TraceLab: an experimental workbench for equipping researchers to innovate, synthesize, and comparatively evaluate traceability solutions

TraceLab is designed to empower future traceability research, through facilitating innovation and creativity, increasing collaboration between researchers, decreasing the startup costs and effort of new traceability research projects, and fostering technology transfer. To this end, it provides an experimental environment in which researchers can design and execute experiments in TraceLabs visual modeling environment using a library of reusable and user-defined components. TraceLab fosters research competitions by allowing researchers or industrial sponsors to launch research contests intended to focus attention on compelling traceability challenges. Contests are centered around specific traceability tasks, performed on publicly available datasets, and are evaluated using standard metrics incorporated into reusable TraceLab components.
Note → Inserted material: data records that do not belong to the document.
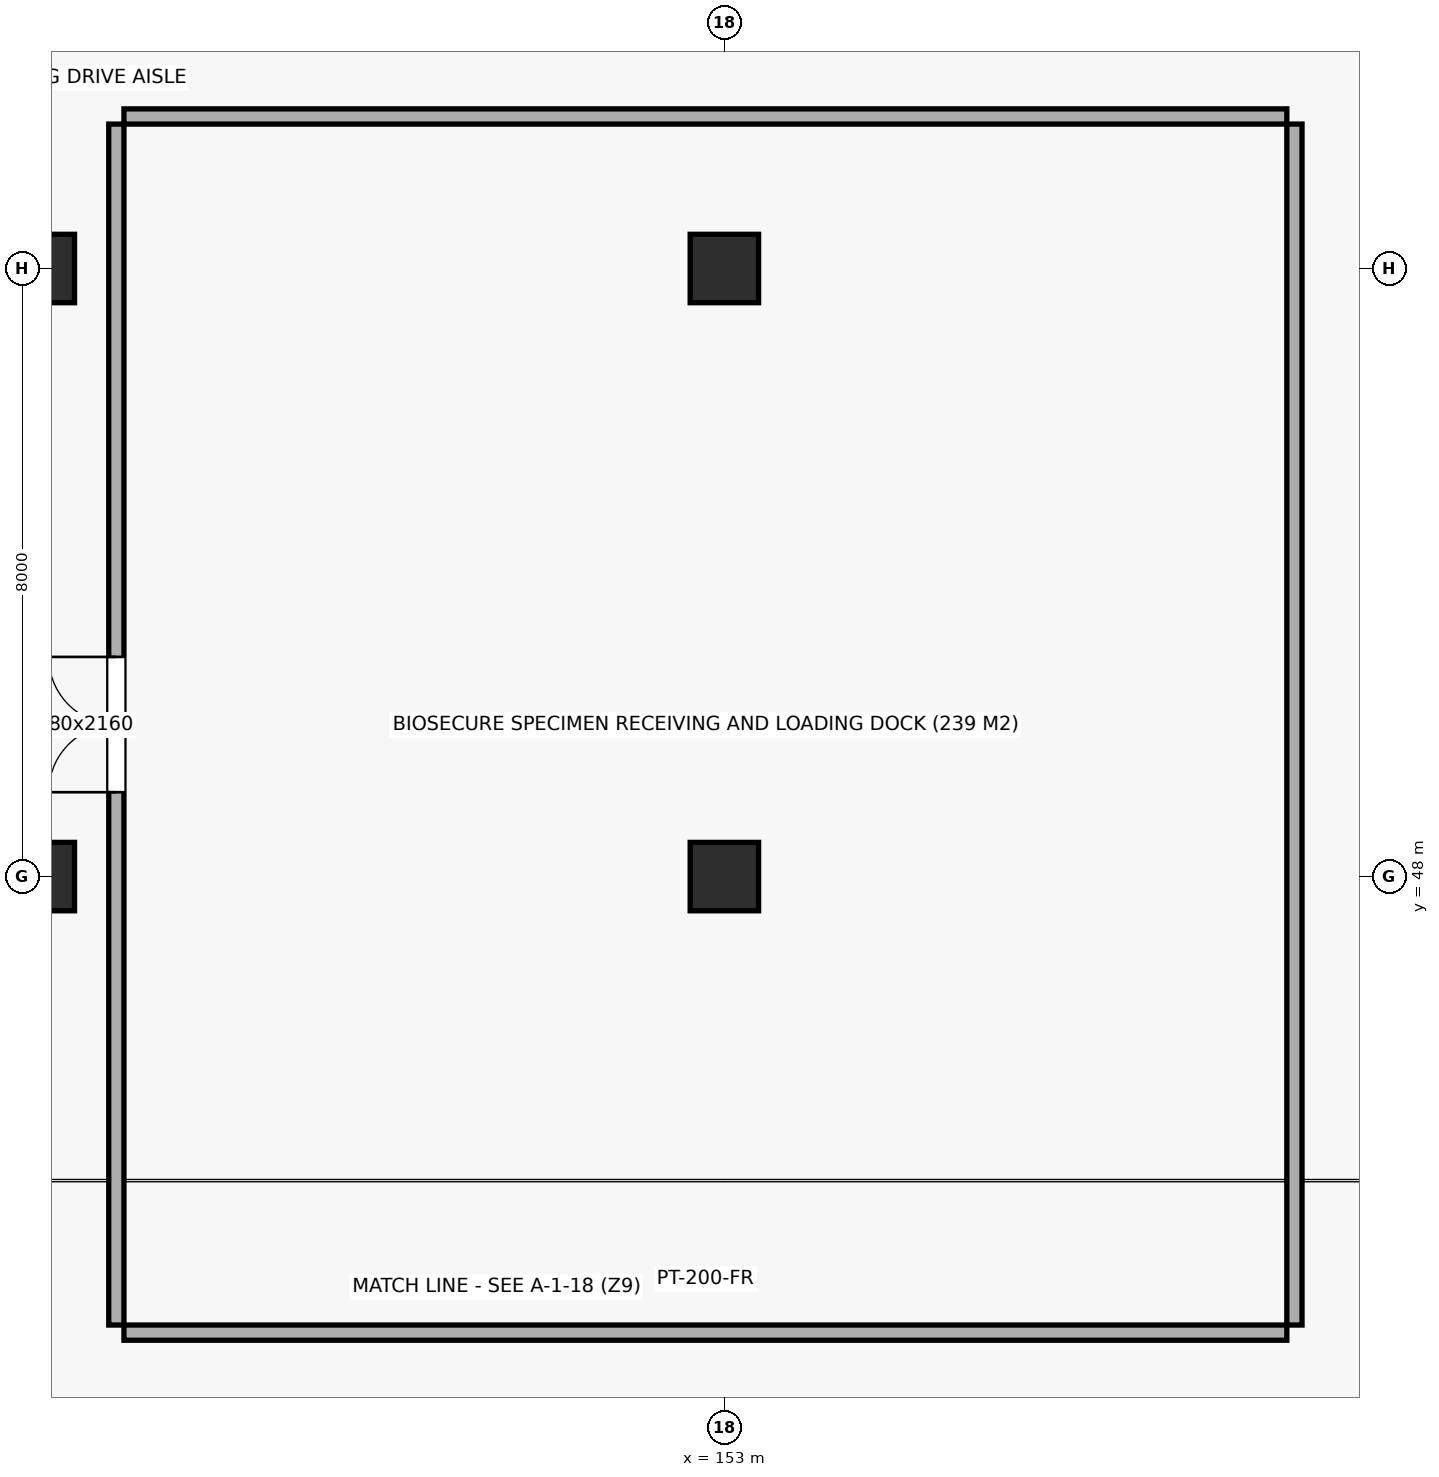
"""IFC4 building model, lengths in metres.
Left out: names, types, materials, properties, quantities, classifications, styles, units other than length and angle.
Written with IfcOpenShell. Run it as: python <this file> out.ifc"""

import sys

from ifc_helpers import new_model, si_unit, direction, frame, frame_2d, origin, origin_2d, place, context, subcontext, project, spatial, rectangle, extrude, element, fill, save


model = new_model("IFC4")
c1 = context("Model", 3, precision=1e-05, world=origin(), true_north=direction((0.0, 1.0)))
c2 = subcontext(c1, "Body", "Model", "MODEL_VIEW")
j1 = project(units=[si_unit("LENGTHUNIT", "METRE"), si_unit("PLANEANGLEUNIT", "RADIAN")], contexts=[c1])
p1 = place(None, origin())
s1 = spatial("IfcSite", under=j1, at=p1, CompositionType="ELEMENT")
p2 = place(p1, origin())
s2 = spatial("IfcBuilding", under=s1, at=p2, CompositionType="ELEMENT")
p3 = place(p2, frame((0.0, 0.0, -4.5)))
s3 = spatial("IfcBuildingStorey", under=s2, at=p3, CompositionType="ELEMENT", Elevation=-4.5)
for number, where, z_axis, x_axis in (
    (1, (144.0, 48.0, 0.0), (0.0, 0.0, 1.0), (1.0, 0.0, 0.0)),
    (2, (144.0, 56.0, 0.0), (0.0, 0.0, 1.0), (1.0, 0.0, 0.0)),
    (3, (153.0, 48.0, 0.0), (0.0, 0.0, 1.0), (1.0, 0.0, 0.0)),
    (4, (153.0, 56.0, 0.0), (0.0, 0.0, 1.0), (1.0, 0.0, 0.0)),
):
    element("IfcColumn", number, at=place(p3, frame(where, z_axis=z_axis, x_axis=x_axis)), inside=s3, PredefinedType="COLUMN", context=c2, shape_type="SweptSolid", body=[
        extrude(rectangle(XDim=0.9, YDim=0.9, at=origin_2d()), origin(), (0.0, 0.0, 1.0), 4.5),
    ])
for number, where, z_axis, x_axis in (
    (5, (145.1, 42.0, 0.0), (0.0, 0.0, 1.0), (1.0, 0.0, 0.0)),
    (6, (145.1, 58.0, 0.0), (0.0, 0.0, 1.0), (1.0, 0.0, 0.0)),
):
    element("IfcWall", number, at=place(p3, frame(where, z_axis=z_axis, x_axis=x_axis)), inside=s3, PredefinedType="PARTITIONING", context=c2, shape_type="SweptSolid", body=[
        extrude(rectangle(XDim=15.3, YDim=0.2, at=frame_2d((7.65, 0.0))), origin(), (0.0, 0.0, 1.0), 4.15),
    ])
p4 = place(p3, frame((145.0, 42.1, 0.0), z_axis=(0.0, 0.0, 1.0), x_axis=(0.0, 1.0, 0.0)))
e7 = element("IfcWall", 7, at=p4, inside=s3, PredefinedType="PARTITIONING", context=c2, shape_type="SweptSolid", body=[
    extrude(rectangle(XDim=15.8, YDim=0.2, at=frame_2d((7.9, 0.0))), origin(), (0.0, 0.0, 1.0), 4.15),
])
p5 = place(p4, frame((7.01, 0.0, 0.0)))
e8 = element("IfcOpeningElement", 8, at=p5, cuts=e7, PredefinedType="OPENING", context=c2, shape_type="SweptSolid", body=[
    extrude(rectangle(XDim=1.78, YDim=2.16, at=frame_2d((0.89, 1.08))), frame((0.0, 0.112, 0.0), z_axis=(0.0, -1.0, 0.0), x_axis=(1.0, 0.0, 0.0)), (0.0, 0.0, 1.0), 0.224),
])
p6 = place(p3, frame((160.5, 42.1, 0.0), z_axis=(0.0, 0.0, 1.0), x_axis=(0.0, 1.0, 0.0)))
e9 = element("IfcWall", 9, at=p6, inside=s3, PredefinedType="PARTITIONING", context=c2, shape_type="SweptSolid", body=[
    extrude(rectangle(XDim=15.8, YDim=0.2, at=frame_2d((7.9, 0.0))), origin(), (0.0, 0.0, 1.0), 4.15),
])
p7 = place(p5, origin())
e10 = element("IfcDoor", 10, at=p7, inside=s3, OperationType="DOUBLE_DOOR_SINGLE_SWING", PredefinedType="DOOR", context=c2, shape_type="SweptSolid", body=[
    extrude(rectangle(XDim=1.78, YDim=2.16, at=frame_2d((0.89, 1.08))), frame((0.0, 0.025, 0.0), z_axis=(0.0, -1.0, 0.0), x_axis=(1.0, 0.0, 0.0)), (0.0, 0.0, 1.0), 0.05),
])
fill(e8, e10)
save(model, sys.argv[1])

TraceLab has been released in beta-test mode to researchers at seven universities, and will be publicly released via CoEST.org in the summer of 2012. Furthermore, by late 2012 TraceLabs source code will be released as open source software, licensed under GPL. TraceLab currently runs on Windows but is designed with cross platforming issues in mind to allow easy ports to Unix and Mac environments.

Tracing requirements to defect reports: an application of information retrieval techniques

To support debugging, maintenance, verification and validation (V&V) and/or independent V&V (IV&V), it is necessary to understand the relationship between defect reports and their related artifacts. For example, one cannot correct a code-related defect report without being able to find the code that is affected. Information retrieval (IR) techniques have been used effectively to trace textual artifacts to each other. This has generally been applied to the problem of dynamically generating a trace between artifacts in the software document hierarchy after the fact (after development has proceeded to at least the next lifecycle phase). The same techniques can also be used to trace textual artifacts of the software engineering lifecycle to defect reports. We have applied the term frequency–inverse document frequency (TF-IDF) technique with relevance feedback, as implemented in our requirements tracing on-target (RETRO) tool, to the problem of tracing textual requirement elements to related textual defect reports. We have evaluated the technique using a dataset for a NASA scientific instrument. We found that recall of over 85% and precision of 69%, and recall of 70% and precision of 99% could be achieved, respectively, on two subsets of the dataset.